Clockwise from top left: Church, oranges growing on the trees, interesting architecture, sampling an orange (much like Seville oranges it was thick skinned and bitter - perfect for marmalade but not great for eating!)
We stayed in the old district, in the wonderful Hotel Casa 1800, with a view up to the Alhambra. Tickets for the Alhambra can be sold out online months in advance. Ways around it include paying more for either a guided tour (a bit pricey), or a 'Granada Card' (good value) which also lets you into other tourist attractions around the city. We used our cards to visit San Jeronimo monastery and the Cathedral, which was a big hit of terrifying Catholicism. Lots of gold, sculptures of severed heads on plates, and a sheer scale which was awe-inspiring.

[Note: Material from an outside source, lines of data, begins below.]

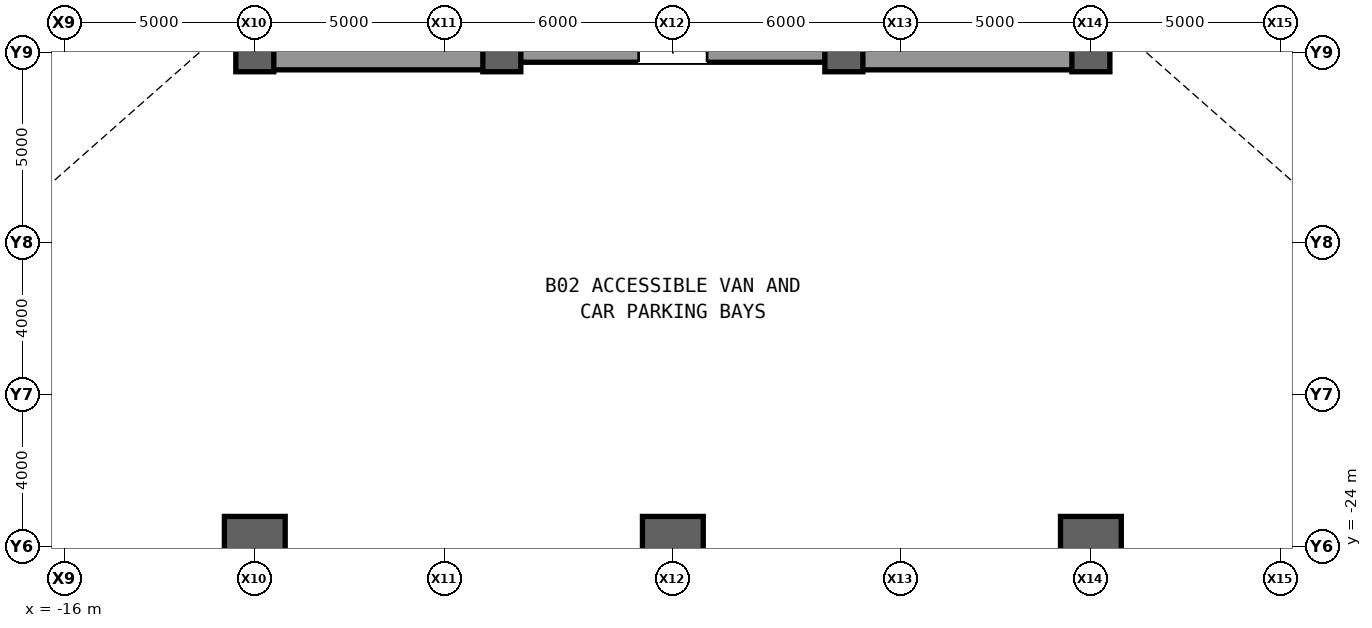
"""IFC4 building model, lengths in metres.
Left out: names, types, materials, properties, quantities, classifications, styles, units other than length and angle.
Written with IfcOpenShell. Run it as: python <this file> out.ifc"""

import sys

from ifc_helpers import new_model, si_unit, direction, frame, frame_2d, origin, origin_2d, place, context, subcontext, project, spatial, rectangle, extrude, source, transform, mapped, element, fill, save


model = new_model("IFC4")
c1 = context("Model", 3, precision=1e-05, world=origin(), true_north=direction((0.0, 1.0)))
c2 = subcontext(c1, "Body", "Model", "MODEL_VIEW")
j1 = project(units=[si_unit("LENGTHUNIT", "METRE"), si_unit("PLANEANGLEUNIT", "RADIAN")], contexts=[c1])
p1 = place(None, origin())
s1 = spatial("IfcSite", under=j1, at=p1, CompositionType="ELEMENT")
p2 = place(p1, origin())
s2 = spatial("IfcBuilding", under=s1, at=p2, CompositionType="ELEMENT")
p3 = place(p2, frame((0.0, 0.0, -9.6)))
s3 = spatial("IfcBuildingStorey", under=s2, at=p3, CompositionType="ELEMENT", Elevation=-9.6)
m1 = source(origin(), c2, "Body", "SweptSolid", [
    extrude(rectangle(XDim=22.0, YDim=0.6, at=frame_2d((11.0, 0.0))), origin(), (0.0, 0.0, 1.0), 4.48),
])
p4 = place(p3, frame((-11.0, -11.0, 0.0), z_axis=(0.0, 0.0, 1.0), x_axis=(0.0, 1.0, 0.0)))
e1 = element("IfcWall", 1, at=p4, inside=s3, PredefinedType="SHEAR", context=c2, shape_type="MappedRepresentation", body=[
    mapped(m1, transform((0.0, 0.0, 0.0), scale=1.0)),
])
m2 = source(origin(), c2, "Body", "SweptSolid", [
    extrude(rectangle(XDim=1.1, YDim=2.2, at=frame_2d((0.55, 1.1))), frame((0.0, 0.31, 0.0), z_axis=(0.0, -1.0, 0.0), x_axis=(1.0, 0.0, 0.0)), (0.0, 0.0, 1.0), 0.62),
])
p5 = place(p4, frame((0.8, 0.0, 0.0)))
e2 = element("IfcOpeningElement", 2, at=p5, cuts=e1, PredefinedType="OPENING", context=c2, shape_type="MappedRepresentation", body=[
    mapped(m2, transform((0.0, 0.0, 0.0), scale=1.0)),
])
p6 = place(p4, frame((12.5, 0.0, 0.0)))
e3 = element("IfcOpeningElement", 3, at=p6, cuts=e1, PredefinedType="OPENING", context=c2, shape_type="MappedRepresentation", body=[
    mapped(m2, transform((0.0, 0.0, 0.0), scale=1.0)),
])
m3 = source(origin(), c2, "Body", "SweptSolid", [
    extrude(rectangle(XDim=0.9, YDim=2.15, at=frame_2d((0.45, 1.075))), frame((0.0, 0.31, 0.0), z_axis=(0.0, -1.0, 0.0), x_axis=(1.0, 0.0, 0.0)), (0.0, 0.0, 1.0), 0.62),
])
p7 = place(p4, frame((6.2, 0.0, 0.0)))
e4 = element("IfcOpeningElement", 4, at=p7, cuts=e1, PredefinedType="OPENING", context=c2, shape_type="MappedRepresentation", body=[
    mapped(m3, transform((0.0, 0.0, 0.0), scale=1.0)),
])
p8 = place(p4, frame((8.525, 0.0, 0.0)))
e5 = element("IfcOpeningElement", 5, at=p8, cuts=e1, PredefinedType="OPENING", context=c2, shape_type="MappedRepresentation", body=[
    mapped(m3, transform((0.0, 0.0, 0.0), scale=1.0)),
])
m4 = source(origin(), c2, "Body", "SweptSolid", [
    extrude(rectangle(XDim=1.3, YDim=2.3, at=frame_2d((0.65, 1.15))), frame((0.0, 0.31, 0.0), z_axis=(0.0, -1.0, 0.0), x_axis=(1.0, 0.0, 0.0)), (0.0, 0.0, 1.0), 0.62),
])
p9 = place(p4, frame((2.7, 0.0, 0.0)))
e6 = element("IfcOpeningElement", 6, at=p9, cuts=e1, PredefinedType="OPENING", context=c2, shape_type="MappedRepresentation", body=[
    mapped(m4, transform((0.0, 0.0, 0.0), scale=1.0)),
])
p10 = place(p3, frame((11.0, -11.0, 0.0), z_axis=(0.0, 0.0, 1.0), x_axis=(0.0, 1.0, 0.0)))
e7 = element("IfcWall", 7, at=p10, inside=s3, PredefinedType="SHEAR", context=c2, shape_type="MappedRepresentation", body=[
    mapped(m1, transform((0.0, 0.0, 0.0), scale=1.0)),
])
p11 = place(p10, frame((0.8, 0.0, 0.0)))
e8 = element("IfcOpeningElement", 8, at=p11, cuts=e7, PredefinedType="OPENING", context=c2, shape_type="MappedRepresentation", body=[
    mapped(m2, transform((0.0, 0.0, 0.0), scale=1.0)),
])
p12 = place(p10, frame((6.2, 0.0, 0.0)))
e9 = element("IfcOpeningElement", 9, at=p12, cuts=e7, PredefinedType="OPENING", context=c2, shape_type="MappedRepresentation", body=[
    mapped(m3, transform((0.0, 0.0, 0.0), scale=1.0)),
])
p13 = place(p10, frame((8.525, 0.0, 0.0)))
e10 = element("IfcOpeningElement", 10, at=p13, cuts=e7, PredefinedType="OPENING", context=c2, shape_type="MappedRepresentation", body=[
    mapped(m3, transform((0.0, 0.0, 0.0), scale=1.0)),
])
p14 = place(p10, frame((2.7, 0.0, 0.0)))
e11 = element("IfcOpeningElement", 11, at=p14, cuts=e7, PredefinedType="OPENING", context=c2, shape_type="MappedRepresentation", body=[
    mapped(m4, transform((0.0, 0.0, 0.0), scale=1.0)),
])
p15 = place(p10, frame((13.35, 0.0, 0.0)))
e12 = element("IfcOpeningElement", 12, at=p15, cuts=e7, PredefinedType="OPENING", context=c2, shape_type="MappedRepresentation", body=[
    mapped(m4, transform((0.0, 0.0, 0.0), scale=1.0)),
])
m5 = source(origin(), c2, "Body", "SweptSolid", [
    extrude(rectangle(XDim=5.85, YDim=0.9, at=frame_2d((2.925, 0.0))), origin(), (0.0, 0.0, 1.0), 4.48),
])
for number, where, z_axis, x_axis in (
    (13, (-10.7, -11.0, 0.0), (0.0, 0.0, 1.0), (1.0, 0.0, 0.0)),
    (14, (4.85, -11.0, 0.0), (0.0, 0.0, 1.0), (1.0, 0.0, 0.0)),
):
    element("IfcWall", number, at=place(p3, frame(where, z_axis=z_axis, x_axis=x_axis)), inside=s3, PredefinedType="SHEAR", context=c2, shape_type="MappedRepresentation", body=[
        mapped(m5, transform((0.0, 0.0, 0.0), scale=1.0)),
    ])
m6 = source(origin(), c2, "Body", "SweptSolid", [
    extrude(rectangle(XDim=9.2, YDim=0.5, at=frame_2d((4.6, 0.0))), origin(), (0.0, 0.0, 1.0), 4.48),
])
p16 = place(p3, frame((-4.6, -11.0, 0.0), z_axis=(0.0, 0.0, 1.0), x_axis=(1.0, 0.0, 0.0)))
e15 = element("IfcWall", 15, at=p16, inside=s3, PredefinedType="SHEAR", context=c2, shape_type="MappedRepresentation", body=[
    mapped(m6, transform((0.0, 0.0, 0.0), scale=1.0)),
])
m7 = source(origin(), c2, "Body", "SweptSolid", [
    extrude(rectangle(XDim=1.8, YDim=2.25, at=frame_2d((0.9, 1.125))), frame((0.0, 0.26, 0.0), z_axis=(0.0, -1.0, 0.0), x_axis=(1.0, 0.0, 0.0)), (0.0, 0.0, 1.0), 0.52),
])
p17 = place(p16, frame((3.7, 0.0, 0.0)))
e16 = element("IfcOpeningElement", 16, at=p17, cuts=e15, PredefinedType="OPENING", context=c2, shape_type="MappedRepresentation", body=[
    mapped(m7, transform((0.0, 0.0, 0.0), scale=1.0)),
])
m8 = source(origin(), c2, "Body", "SweptSolid", [
    extrude(rectangle(XDim=1.6, YDim=1.6, at=origin_2d()), origin(), (0.0, 0.0, 1.0), 4.8),
])
p18 = place(p3, frame((-11.0, -24.0, 0.0), z_axis=(0.0, 0.0, 1.0), x_axis=(1.0, 0.0, 0.0)))
e17 = element("IfcColumn", 17, at=p18, inside=s3, PredefinedType="COLUMN", context=c2, shape_type="MappedRepresentation", body=[
    mapped(m8, transform((0.0, 0.0, 0.0), scale=1.0)),
])
m9 = source(origin(), c2, "Body", "SweptSolid", [
    extrude(rectangle(XDim=1.0, YDim=1.0, at=origin_2d()), origin(), (0.0, 0.0, 1.0), 4.8),
])
for number, where, z_axis, x_axis in (
    (18, (-11.0, -11.0, 0.0), (0.0, 0.0, 1.0), (1.0, 0.0, 0.0)),
    (19, (-4.5, -11.0, 0.0), (0.0, 0.0, 1.0), (1.0, 0.0, 0.0)),
):
    element("IfcColumn", number, at=place(p3, frame(where, z_axis=z_axis, x_axis=x_axis)), inside=s3, PredefinedType="COLUMN", context=c2, shape_type="MappedRepresentation", body=[
        mapped(m9, transform((0.0, 0.0, 0.0), scale=1.0)),
    ])
p19 = place(p3, frame((0.0, -24.0, 0.0), z_axis=(0.0, 0.0, 1.0), x_axis=(1.0, 0.0, 0.0)))
e20 = element("IfcColumn", 20, at=p19, inside=s3, PredefinedType="COLUMN", context=c2, shape_type="MappedRepresentation", body=[
    mapped(m8, transform((0.0, 0.0, 0.0), scale=1.0)),
])
p20 = place(p3, frame((4.5, -11.0, 0.0), z_axis=(0.0, 0.0, 1.0), x_axis=(1.0, 0.0, 0.0)))
e21 = element("IfcColumn", 21, at=p20, inside=s3, PredefinedType="COLUMN", context=c2, shape_type="MappedRepresentation", body=[
    mapped(m9, transform((0.0, 0.0, 0.0), scale=1.0)),
])
p21 = place(p3, frame((11.0, -24.0, 0.0), z_axis=(0.0, 0.0, 1.0), x_axis=(1.0, 0.0, 0.0)))
e22 = element("IfcColumn", 22, at=p21, inside=s3, PredefinedType="COLUMN", context=c2, shape_type="MappedRepresentation", body=[
    mapped(m8, transform((0.0, 0.0, 0.0), scale=1.0)),
])
p22 = place(p3, frame((11.0, -11.0, 0.0), z_axis=(0.0, 0.0, 1.0), x_axis=(1.0, 0.0, 0.0)))
e23 = element("IfcColumn", 23, at=p22, inside=s3, PredefinedType="COLUMN", context=c2, shape_type="MappedRepresentation", body=[
    mapped(m9, transform((0.0, 0.0, 0.0), scale=1.0)),
])
m10 = source(origin(), c2, "Body", "SweptSolid", [
    extrude(rectangle(XDim=1.8, YDim=2.25, at=frame_2d((0.9, 1.125))), frame((0.0, 0.025, 0.0), z_axis=(0.0, -1.0, 0.0), x_axis=(1.0, 0.0, 0.0)), (0.0, 0.0, 1.0), 0.05),
])
p23 = place(p17, origin())
e24 = element("IfcDoor", 24, at=p23, inside=s3, OperationType="SINGLE_SWING_LEFT", PredefinedType="DOOR", context=c2, shape_type="MappedRepresentation", body=[
    mapped(m10, transform((0.0, 0.0, 0.0), scale=1.0)),
])
fill(e16, e24)
save(model, sys.argv[1])

San Jeronimo monastery. We weren't allowed to take pictures in the Cathedral, and as I am a goody-two-shoes I refrained where lots of tourists flouted the rules!
The highlight had to be the Alhambra palace. It's like a whole town on top of a hill, the site is absolutely massive and takes hours and hours to get around if you want to see it all properly - there are gardens, palaces, towers, museums, and more. Getting up there involved an incredibly scary trip on a minibus. There were so many of us squashed in that I was practically sat on the dashboard, and so had a good view of the sharp turns and plummeting drops. My knuckles were white by the end.
The series of intricate Nazrid Palaces is restricted to specific time-slots - we got there a little before sunset as I suspected we might get some good views over the city at the end in the evening light.
Utterly gorgeous isn't it?
After all the history and culture - and posh hotels - of Seville and Granada, we headed down to the coast to a little town called Nerja, to more modest accommodation and a relaxed week of eating tapas! I'll share some pics in another post soon.